The shift is structural, not stylistic. A single instance has to balance four perspectives in one answer; four instances each get to be one perspective. A single instance loses the thread on a long task; four instances each finish before their threads go anywhere. A single instance running for fifteen minutes consumes fifteen minutes; four instances running in parallel consume four wall-clock minutes of yours. The model didn't get smarter — the architecture got smarter.
I wrote this Playbook with a 15-agent swarm in roughly six minutes of wall-clock time (the story is in Chapter 6). I run a 20-agent swarm whenever a portfolio company wants a complete strategic plan from scratch — the /swarm-strategic-plan skill is the productized version of that pattern. I run a 3-agent swarm every time I hit a bug I can't reason through alone (/debug-swarm). The shelf is real. The patterns are stable. The compounding is the same compounding that all leverage has — once you've used it, the sequential version of your work starts to feel like writing email by candlelight.
That distinction is the whole game. Most operators who try parallel agents and bounce off have built a group chat. You want a chain of command — one conductor, N section leads, each section lead in its own clean context window, returning only finished phrases to the conductor.

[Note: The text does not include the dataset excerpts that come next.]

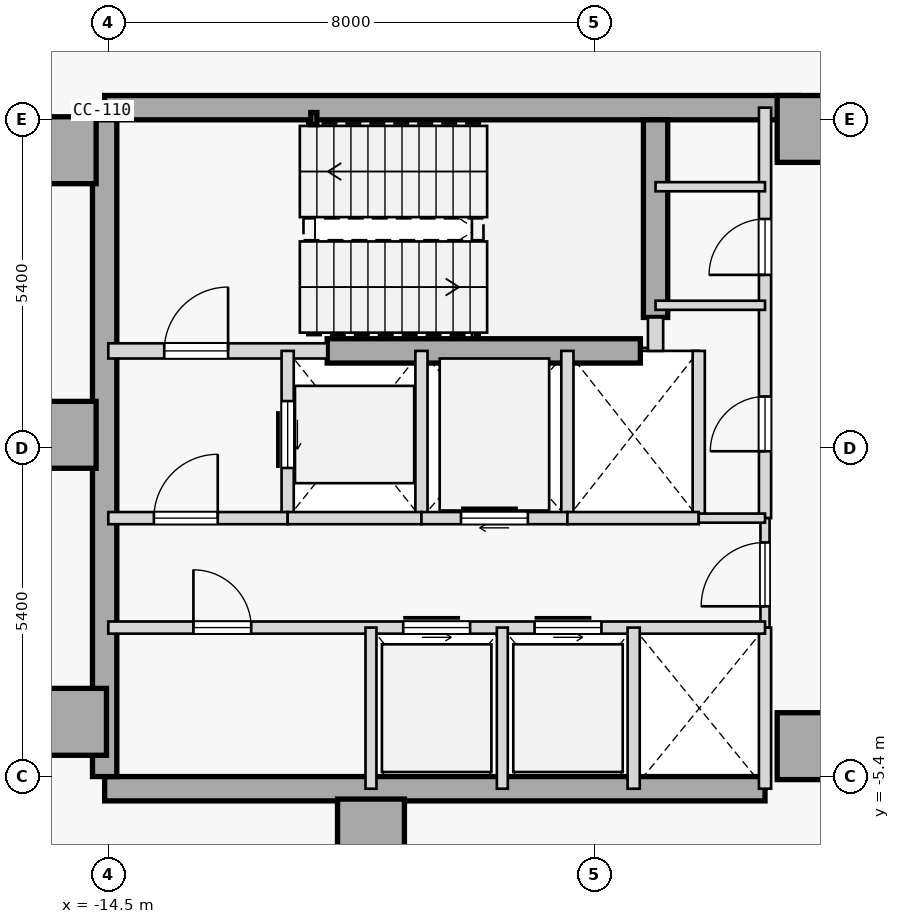
"""IFC4 building model, lengths in metres.
Left out: names, types, materials, properties, quantities, classifications, styles, units other than length and angle.
Written with IfcOpenShell. Run it as: python <this file> out.ifc"""

import sys

from ifc_helpers import new_model, si_unit, direction, frame, frame_2d, origin, origin_2d, place, context, subcontext, project, spatial, rectangle, hollow_rectangle, extrude, element, fill, save


model = new_model("IFC4")
c1 = context("Model", 3, precision=1e-05, world=origin(), true_north=direction((0.0, 1.0)))
c2 = subcontext(c1, "Body", "Model", "MODEL_VIEW")
j1 = project(units=[si_unit("LENGTHUNIT", "METRE"), si_unit("PLANEANGLEUNIT", "RADIAN")], contexts=[c1])
p1 = place(None, origin())
s1 = spatial("IfcSite", under=j1, at=p1, CompositionType="ELEMENT")
p2 = place(p1, origin())
s2 = spatial("IfcBuilding", under=s1, at=p2, CompositionType="ELEMENT")
p3 = place(p2, frame((0.0, 0.0, 147.3)))
s3 = spatial("IfcBuildingStorey", under=s2, at=p3, CompositionType="ELEMENT", Elevation=147.3)
for number, where, z_axis, x_axis in (
    (1, (-15.25, 4.9, 0.0), (0.0, 0.0, 1.0), (1.0, 0.0, 0.0)),
    (2, (-15.25, 0.22, 0.0), (0.0, 0.0, 1.0), (1.0, 0.0, 0.0)),
    (3, (-15.08, -4.5, 0.0), (0.0, 0.0, 1.0), (1.0, 0.0, 0.0)),
    (4, (-10.18, -6.32, 0.0), (0.0, 0.0, 1.0), (1.0, 0.0, 0.0)),
    (5, (-2.95, -4.9, 0.0), (0.0, 0.0, 1.0), (1.0, 0.0, 0.0)),
    (6, (-2.95, 5.25, 0.0), (0.0, 0.0, 1.0), (1.0, 0.0, 0.0)),
):
    element("IfcColumn", number, at=place(p3, frame(where, z_axis=z_axis, x_axis=x_axis)), inside=s3, PredefinedType="COLUMN", context=c2, shape_type="SweptSolid", body=[
        extrude(rectangle(XDim=1.1, YDim=1.1, at=origin_2d()), origin(), (0.0, 0.0, 1.0), 4.1),
    ])
p4 = place(p3, frame((-14.56, 5.6, 0.0), z_axis=(0.0, 0.0, 1.0), x_axis=(1.0, 0.0, 0.0)))
e7 = element("IfcWall", 7, at=p4, inside=s3, PredefinedType="SHEAR", context=c2, shape_type="SweptSolid", body=[
    extrude(rectangle(XDim=11.41, YDim=0.4, at=frame_2d((5.705, 0.0))), origin(), (0.0, 0.0, 1.0), 3.875),
])
p5 = place(p3, frame((-14.56, -5.6, 0.0), z_axis=(0.0, 0.0, 1.0), x_axis=(1.0, 0.0, 0.0)))
e8 = element("IfcWall", 8, at=p5, inside=s3, PredefinedType="SHEAR", context=c2, shape_type="SweptSolid", body=[
    extrude(rectangle(XDim=10.86, YDim=0.4, at=frame_2d((5.43, 0.0))), origin(), (0.0, 0.0, 1.0), 3.875),
])
p6 = place(p3, frame((-14.56, -5.4, 0.0), z_axis=(0.0, 0.0, 1.0), x_axis=(0.0, 1.0, 0.0)))
e9 = element("IfcWall", 9, at=p6, inside=s3, PredefinedType="SHEAR", context=c2, shape_type="SweptSolid", body=[
    extrude(rectangle(XDim=10.8, YDim=0.4, at=frame_2d((5.4, 0.0))), origin(), (0.0, 0.0, 1.0), 3.875),
])
p7 = place(p3, frame((-5.5, 2.15, 0.0), z_axis=(0.0, 0.0, 1.0), x_axis=(0.0, 1.0, 0.0)))
e10 = element("IfcWall", 10, at=p7, inside=s3, PredefinedType="SHEAR", context=c2, shape_type="SweptSolid", body=[
    extrude(rectangle(XDim=3.25, YDim=0.4, at=frame_2d((1.625, 0.0))), origin(), (0.0, 0.0, 1.0), 3.875),
])
p8 = place(p3, frame((-10.9, 1.6, 0.0), z_axis=(0.0, 0.0, 1.0), x_axis=(1.0, 0.0, 0.0)))
e11 = element("IfcWall", 11, at=p8, inside=s3, PredefinedType="SHEAR", context=c2, shape_type="SweptSolid", body=[
    extrude(rectangle(XDim=5.15, YDim=0.4, at=frame_2d((2.575, 0.0))), origin(), (0.0, 0.0, 1.0), 3.875),
])
p9 = place(p3, frame((-11.12, 5.42, 0.0), z_axis=(0.0, 0.0, 1.0), x_axis=(1.0, 0.0, 0.0)))
e12 = element("IfcColumn", 12, at=p9, inside=s3, PredefinedType="COLUMN", context=c2, shape_type="SweptSolid", body=[
    extrude(hollow_rectangle(XDim=0.1, YDim=0.2, WallThickness=0.008, at=origin_2d()), origin(), (0.0, 0.0, 1.0), 4.1),
])
p10 = place(p3, frame((-14.5, 1.6, 0.0), z_axis=(0.0, 0.0, 1.0), x_axis=(1.0, 0.0, 0.0)))
e13 = element("IfcWall", 13, at=p10, inside=s3, PredefinedType="STANDARD", context=c2, shape_type="SweptSolid", body=[
    extrude(rectangle(XDim=3.6, YDim=0.25, at=frame_2d((1.8, 0.0))), origin(), (0.0, 0.0, 1.0), 3.875),
])
p11 = place(p10, frame((0.92, 0.0, 0.0)))
e14 = element("IfcOpeningElement", 14, at=p11, cuts=e13, PredefinedType="OPENING", context=c2, shape_type="SweptSolid", body=[
    extrude(rectangle(XDim=1.05, YDim=2.15, at=frame_2d((0.525, 1.075))), frame((0.0, 0.135, 0.0), z_axis=(0.0, -1.0, 0.0), x_axis=(1.0, 0.0, 0.0)), (0.0, 0.0, 1.0), 0.27),
])
p12 = place(p3, frame((-5.5, 1.6, 0.0), z_axis=(0.0, 0.0, 1.0), x_axis=(0.0, 1.0, 0.0)))
e15 = element("IfcWall", 15, at=p12, inside=s3, PredefinedType="STANDARD", context=c2, shape_type="SweptSolid", body=[
    extrude(rectangle(XDim=0.55, YDim=0.25, at=frame_2d((0.275, 0.0))), origin(), (0.0, 0.0, 1.0), 3.875),
])
p13 = place(p3, frame((-3.7, -1.15, 0.0), z_axis=(0.0, 0.0, 1.0), x_axis=(0.0, 1.0, 0.0)))
e16 = element("IfcWall", 16, at=p13, inside=s3, PredefinedType="STANDARD", context=c2, shape_type="SweptSolid", body=[
    extrude(rectangle(XDim=6.75, YDim=0.2, at=frame_2d((3.375, 0.0))), origin(), (0.0, 0.0, 1.0), 3.875),
])
p14 = place(p13, frame((1.1, 0.0, 0.0)))
e17 = element("IfcOpeningElement", 17, at=p14, cuts=e16, PredefinedType="OPENING", context=c2, shape_type="SweptSolid", body=[
    extrude(rectangle(XDim=0.9, YDim=2.15, at=frame_2d((0.45, 1.075))), frame((0.0, 0.11, 0.0), z_axis=(0.0, -1.0, 0.0), x_axis=(1.0, 0.0, 0.0)), (0.0, 0.0, 1.0), 0.22),
])
p15 = place(p13, frame((4.0, 0.0, 0.0)))
e18 = element("IfcOpeningElement", 18, at=p15, cuts=e16, PredefinedType="OPENING", context=c2, shape_type="SweptSolid", body=[
    extrude(rectangle(XDim=0.92, YDim=2.15, at=frame_2d((0.46, 1.075))), frame((0.0, 0.11, 0.0), z_axis=(0.0, -1.0, 0.0), x_axis=(1.0, 0.0, 0.0)), (0.0, 0.0, 1.0), 0.22),
])
p16 = place(p3, frame((-3.7, -2.95, 0.0), z_axis=(0.0, 0.0, 1.0), x_axis=(0.0, 1.0, 0.0)))
e19 = element("IfcWall", 19, at=p16, inside=s3, PredefinedType="PARTITIONING", context=c2, shape_type="SweptSolid", body=[
    extrude(rectangle(XDim=1.8, YDim=0.15, at=frame_2d((0.9, 0.0))), origin(), (0.0, 0.0, 1.0), 3.875),
])
p17 = place(p16, frame((0.35, 0.0, 0.0)))
e20 = element("IfcOpeningElement", 20, at=p17, cuts=e19, PredefinedType="OPENING", context=c2, shape_type="SweptSolid", body=[
    extrude(rectangle(XDim=1.05, YDim=2.18, at=frame_2d((0.525, 1.09))), frame((0.0, 0.085, 0.0), z_axis=(0.0, -1.0, 0.0), x_axis=(1.0, 0.0, 0.0)), (0.0, 0.0, 1.0), 0.17),
])
p18 = place(p3, frame((-3.7, -5.6, 0.0), z_axis=(0.0, 0.0, 1.0), x_axis=(0.0, 1.0, 0.0)))
e21 = element("IfcWall", 21, at=p18, inside=s3, PredefinedType="STANDARD", context=c2, shape_type="SweptSolid", body=[
    extrude(rectangle(XDim=2.65, YDim=0.2, at=frame_2d((1.325, 0.0))), origin(), (0.0, 0.0, 1.0), 3.875),
])
p19 = place(p3, frame((-11.55, -1.15, 0.0), z_axis=(0.0, 0.0, 1.0), x_axis=(0.0, 1.0, 0.0)))
e22 = element("IfcWall", 22, at=p19, inside=s3, PredefinedType="STANDARD", context=c2, shape_type="SweptSolid", body=[
    extrude(rectangle(XDim=2.75, YDim=0.2, at=frame_2d((1.375, 0.0))), origin(), (0.0, 0.0, 1.0), 3.875),
])
p20 = place(p19, frame((0.825, 0.0, 0.0)))
e23 = element("IfcOpeningElement", 23, at=p20, cuts=e22, PredefinedType="OPENING", context=c2, shape_type="SweptSolid", body=[
    extrude(rectangle(XDim=1.1, YDim=2.15, at=frame_2d((0.55, 1.075))), frame((0.0, 0.11, 0.0), z_axis=(0.0, -1.0, 0.0), x_axis=(1.0, 0.0, 0.0)), (0.0, 0.0, 1.0), 0.22),
])
p21 = place(p3, frame((-9.35, -1.15, 0.0), z_axis=(0.0, 0.0, 1.0), x_axis=(0.0, 1.0, 0.0)))
e24 = element("IfcWall", 24, at=p21, inside=s3, PredefinedType="STANDARD", context=c2, shape_type="SweptSolid", body=[
    extrude(rectangle(XDim=2.75, YDim=0.2, at=frame_2d((1.375, 0.0))), origin(), (0.0, 0.0, 1.0), 3.875),
])
p22 = place(p3, frame((-14.5, -1.15, 0.0), z_axis=(0.0, 0.0, 1.0), x_axis=(1.0, 0.0, 0.0)))
e25 = element("IfcWall", 25, at=p22, inside=s3, PredefinedType="STANDARD", context=c2, shape_type="SweptSolid", body=[
    extrude(rectangle(XDim=2.95, YDim=0.2, at=frame_2d((1.475, 0.0))), origin(), (0.0, 0.0, 1.0), 3.875),
])
p23 = place(p22, frame((0.75, 0.0, 0.0)))
e26 = element("IfcOpeningElement", 26, at=p23, cuts=e25, PredefinedType="OPENING", context=c2, shape_type="SweptSolid", body=[
    extrude(rectangle(XDim=1.05, YDim=2.18, at=frame_2d((0.525, 1.09))), frame((0.0, 0.11, 0.0), z_axis=(0.0, -1.0, 0.0), x_axis=(1.0, 0.0, 0.0)), (0.0, 0.0, 1.0), 0.22),
])
p24 = place(p3, frame((-11.55, -1.15, 0.0), z_axis=(0.0, 0.0, 1.0), x_axis=(1.0, 0.0, 0.0)))
e27 = element("IfcWall", 27, at=p24, inside=s3, PredefinedType="STANDARD", context=c2, shape_type="SweptSolid", body=[
    extrude(rectangle(XDim=2.2, YDim=0.2, at=frame_2d((1.1, 0.0))), origin(), (0.0, 0.0, 1.0), 3.875),
])
p25 = place(p3, frame((-6.95, -1.15, 0.0), z_axis=(0.0, 0.0, 1.0), x_axis=(0.0, 1.0, 0.0)))
e28 = element("IfcWall", 28, at=p25, inside=s3, PredefinedType="STANDARD", context=c2, shape_type="SweptSolid", body=[
    extrude(rectangle(XDim=2.75, YDim=0.2, at=frame_2d((1.375, 0.0))), origin(), (0.0, 0.0, 1.0), 3.875),
])
p26 = place(p3, frame((-9.35, -1.15, 0.0), z_axis=(0.0, 0.0, 1.0), x_axis=(1.0, 0.0, 0.0)))
e29 = element("IfcWall", 29, at=p26, inside=s3, PredefinedType="STANDARD", context=c2, shape_type="SweptSolid", body=[
    extrude(rectangle(XDim=2.4, YDim=0.2, at=frame_2d((1.2, 0.0))), origin(), (0.0, 0.0, 1.0), 3.875),
])
p27 = place(p26, frame((0.65, 0.0, 0.0)))
e30 = element("IfcOpeningElement", 30, at=p27, cuts=e29, PredefinedType="OPENING", context=c2, shape_type="SweptSolid", body=[
    extrude(rectangle(XDim=1.1, YDim=2.15, at=frame_2d((0.55, 1.075))), frame((0.0, 0.11, 0.0), z_axis=(0.0, -1.0, 0.0), x_axis=(1.0, 0.0, 0.0)), (0.0, 0.0, 1.0), 0.22),
])
p28 = place(p3, frame((-4.79, -1.15, 0.0), z_axis=(0.0, 0.0, 1.0), x_axis=(0.0, 1.0, 0.0)))
e31 = element("IfcWall", 31, at=p28, inside=s3, PredefinedType="STANDARD", context=c2, shape_type="SweptSolid", body=[
    extrude(rectangle(XDim=2.75, YDim=0.2, at=frame_2d((1.375, 0.0))), origin(), (0.0, 0.0, 1.0), 3.875),
])
p29 = place(p3, frame((-6.95, -1.15, 0.0), z_axis=(0.0, 0.0, 1.0), x_axis=(1.0, 0.0, 0.0)))
e32 = element("IfcWall", 32, at=p29, inside=s3, PredefinedType="STANDARD", context=c2, shape_type="SweptSolid", body=[
    extrude(rectangle(XDim=2.16, YDim=0.2, at=frame_2d((1.08, 0.0))), origin(), (0.0, 0.0, 1.0), 3.875),
])
p30 = place(p3, frame((-4.79, -1.15, 0.0), z_axis=(0.0, 0.0, 1.0), x_axis=(1.0, 0.0, 0.0)))
e33 = element("IfcWall", 33, at=p30, inside=s3, PredefinedType="PARTITIONING", context=c2, shape_type="SweptSolid", body=[
    extrude(rectangle(XDim=1.09, YDim=0.15, at=frame_2d((0.545, 0.0))), origin(), (0.0, 0.0, 1.0), 3.875),
])
p31 = place(p3, frame((-14.5, -2.95, 0.0), z_axis=(0.0, 0.0, 1.0), x_axis=(1.0, 0.0, 0.0)))
e34 = element("IfcWall", 34, at=p31, inside=s3, PredefinedType="STANDARD", context=c2, shape_type="SweptSolid", body=[
    extrude(rectangle(XDim=10.8, YDim=0.2, at=frame_2d((5.4, 0.0))), origin(), (0.0, 0.0, 1.0), 3.875),
])
p32 = place(p31, frame((4.85, 0.0, 0.0)))
e35 = element("IfcOpeningElement", 35, at=p32, cuts=e34, PredefinedType="OPENING", context=c2, shape_type="SweptSolid", body=[
    extrude(rectangle(XDim=1.1, YDim=2.15, at=frame_2d((0.55, 1.075))), frame((0.0, 0.11, 0.0), z_axis=(0.0, -1.0, 0.0), x_axis=(1.0, 0.0, 0.0)), (0.0, 0.0, 1.0), 0.22),
])
p33 = place(p31, frame((7.01, 0.0, 0.0)))
e36 = element("IfcOpeningElement", 36, at=p33, cuts=e34, PredefinedType="OPENING", context=c2, shape_type="SweptSolid", body=[
    extrude(rectangle(XDim=1.1, YDim=2.15, at=frame_2d((0.55, 1.075))), frame((0.0, 0.11, 0.0), z_axis=(0.0, -1.0, 0.0), x_axis=(1.0, 0.0, 0.0)), (0.0, 0.0, 1.0), 0.22),
])
p34 = place(p31, frame((1.4, 0.0, 0.0)))
e37 = element("IfcOpeningElement", 37, at=p34, cuts=e34, PredefinedType="OPENING", context=c2, shape_type="SweptSolid", body=[
    extrude(rectangle(XDim=0.95, YDim=2.15, at=frame_2d((0.475, 1.075))), frame((0.0, 0.11, 0.0), z_axis=(0.0, -1.0, 0.0), x_axis=(1.0, 0.0, 0.0)), (0.0, 0.0, 1.0), 0.22),
])
p35 = place(p3, frame((-5.86, -5.6, 0.0), z_axis=(0.0, 0.0, 1.0), x_axis=(0.0, 1.0, 0.0)))
e38 = element("IfcWall", 38, at=p35, inside=s3, PredefinedType="STANDARD", context=c2, shape_type="SweptSolid", body=[
    extrude(rectangle(XDim=2.65, YDim=0.2, at=frame_2d((1.325, 0.0))), origin(), (0.0, 0.0, 1.0), 3.875),
])
for number, where, z_axis, x_axis in (
    (39, (-10.18, -5.6, 0.0), (0.0, 0.0, 1.0), (0.0, 1.0, 0.0)),
    (40, (-8.02, -5.6, 0.0), (0.0, 0.0, 1.0), (0.0, 1.0, 0.0)),
):
    element("IfcWall", number, at=place(p3, frame(where, z_axis=z_axis, x_axis=x_axis)), inside=s3, PredefinedType="STANDARD", context=c2, shape_type="SweptSolid", body=[
        extrude(rectangle(XDim=2.65, YDim=0.18, at=frame_2d((1.325, 0.0))), origin(), (0.0, 0.0, 1.0), 3.875),
    ])
for number, where, z_axis, x_axis in (
    (41, (-5.5, 4.3, 0.0), (0.0, 0.0, 1.0), (1.0, 0.0, 0.0)),
    (42, (-5.5, 2.35, 0.0), (0.0, 0.0, 1.0), (1.0, 0.0, 0.0)),
):
    element("IfcWall", number, at=place(p3, frame(where, z_axis=z_axis, x_axis=x_axis)), inside=s3, PredefinedType="PARTITIONING", context=c2, shape_type="SweptSolid", body=[
        extrude(rectangle(XDim=1.8, YDim=0.15, at=frame_2d((0.9, 0.0))), origin(), (0.0, 0.0, 1.0), 3.875),
    ])
p36 = place(p3, frame((-19.217, 6.489, 0.0), z_axis=(0.0, 0.0, 1.0), x_axis=(0.978147578989, 0.207911793121, 0.0)))
e43 = element("IfcWall", 43, at=p36, inside=s3, PredefinedType="PARTITIONING", context=c2, shape_type="SweptSolid", body=[
    extrude(rectangle(XDim=12.332, YDim=0.15, at=frame_2d((6.166, 0.0))), origin(), (0.0, 0.0, 1.0), 3.875),
])
p37 = place(p36, frame((5.691, 0.0, 0.0)))
e44 = element("IfcOpeningElement", 44, at=p37, cuts=e43, PredefinedType="OPENING", context=c2, shape_type="SweptSolid", body=[
    extrude(rectangle(XDim=0.95, YDim=2.15, at=frame_2d((0.475, 1.075))), frame((0.0, 0.085, 0.0), z_axis=(0.0, -1.0, 0.0), x_axis=(1.0, 0.0, 0.0)), (0.0, 0.0, 1.0), 0.17),
])
p38 = place(p11, origin())
e45 = element("IfcDoor", 45, at=p38, inside=s3, OperationType="SINGLE_SWING_RIGHT", PredefinedType="DOOR", context=c2, shape_type="SweptSolid", body=[
    extrude(rectangle(XDim=1.05, YDim=2.15, at=frame_2d((0.525, 1.075))), frame((0.0, 0.025, 0.0), z_axis=(0.0, -1.0, 0.0), x_axis=(1.0, 0.0, 0.0)), (0.0, 0.0, 1.0), 0.05),
])
fill(e14, e45)
p39 = place(p23, origin())
e46 = element("IfcDoor", 46, at=p39, inside=s3, OperationType="SINGLE_SWING_RIGHT", PredefinedType="DOOR", context=c2, shape_type="SweptSolid", body=[
    extrude(rectangle(XDim=1.05, YDim=2.18, at=frame_2d((0.525, 1.09))), frame((0.0, 0.025, 0.0), z_axis=(0.0, -1.0, 0.0), x_axis=(1.0, 0.0, 0.0)), (0.0, 0.0, 1.0), 0.05),
])
fill(e26, e46)
p40 = place(p17, origin())
e47 = element("IfcDoor", 47, at=p40, inside=s3, OperationType="SINGLE_SWING_LEFT", PredefinedType="DOOR", context=c2, shape_type="SweptSolid", body=[
    extrude(rectangle(XDim=1.05, YDim=2.18, at=frame_2d((0.525, 1.09))), frame((0.0, 0.025, 0.0), z_axis=(0.0, -1.0, 0.0), x_axis=(1.0, 0.0, 0.0)), (0.0, 0.0, 1.0), 0.05),
])
fill(e20, e47)
p41 = place(p20, origin())
e48 = element("IfcDoor", 48, at=p41, inside=s3, OperationType="SLIDING_TO_RIGHT", PredefinedType="DOOR", context=c2, shape_type="SweptSolid", body=[
    extrude(rectangle(XDim=1.1, YDim=2.15, at=frame_2d((0.55, 1.075))), frame((0.0, 0.025, 0.0), z_axis=(0.0, -1.0, 0.0), x_axis=(1.0, 0.0, 0.0)), (0.0, 0.0, 1.0), 0.05),
])
fill(e23, e48)
p42 = place(p27, origin())
e49 = element("IfcDoor", 49, at=p42, inside=s3, OperationType="SLIDING_TO_RIGHT", PredefinedType="DOOR", context=c2, shape_type="SweptSolid", body=[
    extrude(rectangle(XDim=1.1, YDim=2.15, at=frame_2d((0.55, 1.075))), frame((0.0, 0.025, 0.0), z_axis=(0.0, -1.0, 0.0), x_axis=(1.0, 0.0, 0.0)), (0.0, 0.0, 1.0), 0.05),
])
fill(e30, e49)
p43 = place(p32, origin())
e50 = element("IfcDoor", 50, at=p43, inside=s3, OperationType="SLIDING_TO_LEFT", PredefinedType="DOOR", context=c2, shape_type="SweptSolid", body=[
    extrude(rectangle(XDim=1.1, YDim=2.15, at=frame_2d((0.55, 1.075))), frame((0.0, 0.025, 0.0), z_axis=(0.0, -1.0, 0.0), x_axis=(1.0, 0.0, 0.0)), (0.0, 0.0, 1.0), 0.05),
])
fill(e35, e50)
p44 = place(p33, origin())
e51 = element("IfcDoor", 51, at=p44, inside=s3, OperationType="SLIDING_TO_LEFT", PredefinedType="DOOR", context=c2, shape_type="SweptSolid", body=[
    extrude(rectangle(XDim=1.1, YDim=2.15, at=frame_2d((0.55, 1.075))), frame((0.0, 0.025, 0.0), z_axis=(0.0, -1.0, 0.0), x_axis=(1.0, 0.0, 0.0)), (0.0, 0.0, 1.0), 0.05),
])
fill(e36, e51)
p45 = place(p34, origin())
e52 = element("IfcDoor", 52, at=p45, inside=s3, OperationType="SINGLE_SWING_LEFT", PredefinedType="DOOR", context=c2, shape_type="SweptSolid", body=[
    extrude(rectangle(XDim=0.95, YDim=2.15, at=frame_2d((0.475, 1.075))), frame((0.0, 0.025, 0.0), z_axis=(0.0, -1.0, 0.0), x_axis=(1.0, 0.0, 0.0)), (0.0, 0.0, 1.0), 0.05),
])
fill(e37, e52)
p46 = place(p14, origin())
e53 = element("IfcDoor", 53, at=p46, inside=s3, OperationType="SINGLE_SWING_LEFT", PredefinedType="DOOR", context=c2, shape_type="SweptSolid", body=[
    extrude(rectangle(XDim=0.9, YDim=2.15, at=frame_2d((0.45, 1.075))), frame((0.0, 0.025, 0.0), z_axis=(0.0, -1.0, 0.0), x_axis=(1.0, 0.0, 0.0)), (0.0, 0.0, 1.0), 0.05),
])
fill(e17, e53)
p47 = place(p15, origin())
e54 = element("IfcDoor", 54, at=p47, inside=s3, OperationType="SINGLE_SWING_LEFT", PredefinedType="DOOR", context=c2, shape_type="SweptSolid", body=[
    extrude(rectangle(XDim=0.92, YDim=2.15, at=frame_2d((0.46, 1.075))), frame((0.0, 0.025, 0.0), z_axis=(0.0, -1.0, 0.0), x_axis=(1.0, 0.0, 0.0)), (0.0, 0.0, 1.0), 0.05),
])
fill(e18, e54)
save(model, sys.argv[1])

The four patterns (interactive)
Four shapes cover ~90% of operator swarm work. Pick one, hit Run, watch the topology animate. Then pick a different one and see how the dispatch order changes. This is the same widget that lives in Ch 06; embedded here so you can poke at it without context-switching.
Fan-out is the canonical swarm: one task decomposes into N independent subtasks, each subtask gets its own agent, and the orchestrator recombines. Use for: writing a multi-chapter book, drafting N landing pages, auditing N domains, exploring N variant designs. The agents never see each other's work; the orchestrator does the integration.
Pipeline is the assembly-line shape: draft → critique → revise → publish, four agents in series. Use for: editorial workflows, code-review-then-fix loops, contract drafting where each pass has a distinct role. Sequential, but each stage has a clean context — no accumulated cruft from earlier turns polluting the final pass.
Map-reduce is fan-out's cousin for data: N workers chew chunks of a large input, one reducer merges. Use for: summarizing 500 documents, extracting structured fields from a directory of PDFs, classifying a backlog. The map stage is embarrassingly parallel; the reducer is where the design lives.
Adversarial is the dialectic shape: proposer + critic + arbiter. Use for: high-stakes decisions where you want a deliberate red-team, contract negotiation simulations, "kill or ship" calls. The critic agent's job is to find what the proposer missed; the arbiter's job is to integrate.
The wave pattern — 5 × 4 = 20 agents
The pattern I use most often for big work is five waves of four agents each — twenty specialists in roughly thirty minutes of wall-clock time, controlled by one orchestrator reading one master BRIEF. The shape is in the /swarm-strategic-plan skill but the architecture generalizes: pick a project, write a one-page BRIEF that every agent must read first, then dispatch waves of three-to-four agents that don't overlap on filesystem.
Why four agents per wave, not ten. The empirical sweet spot is three to four. Five and you start to see filesystem contention (two agents writing the same file, race conditions in shared output dirs); six and the orchestrator's own context starts to thrash; seven and you've created a group chat without realizing it. Three to four is the operator's number — small enough to track, big enough to actually parallelize.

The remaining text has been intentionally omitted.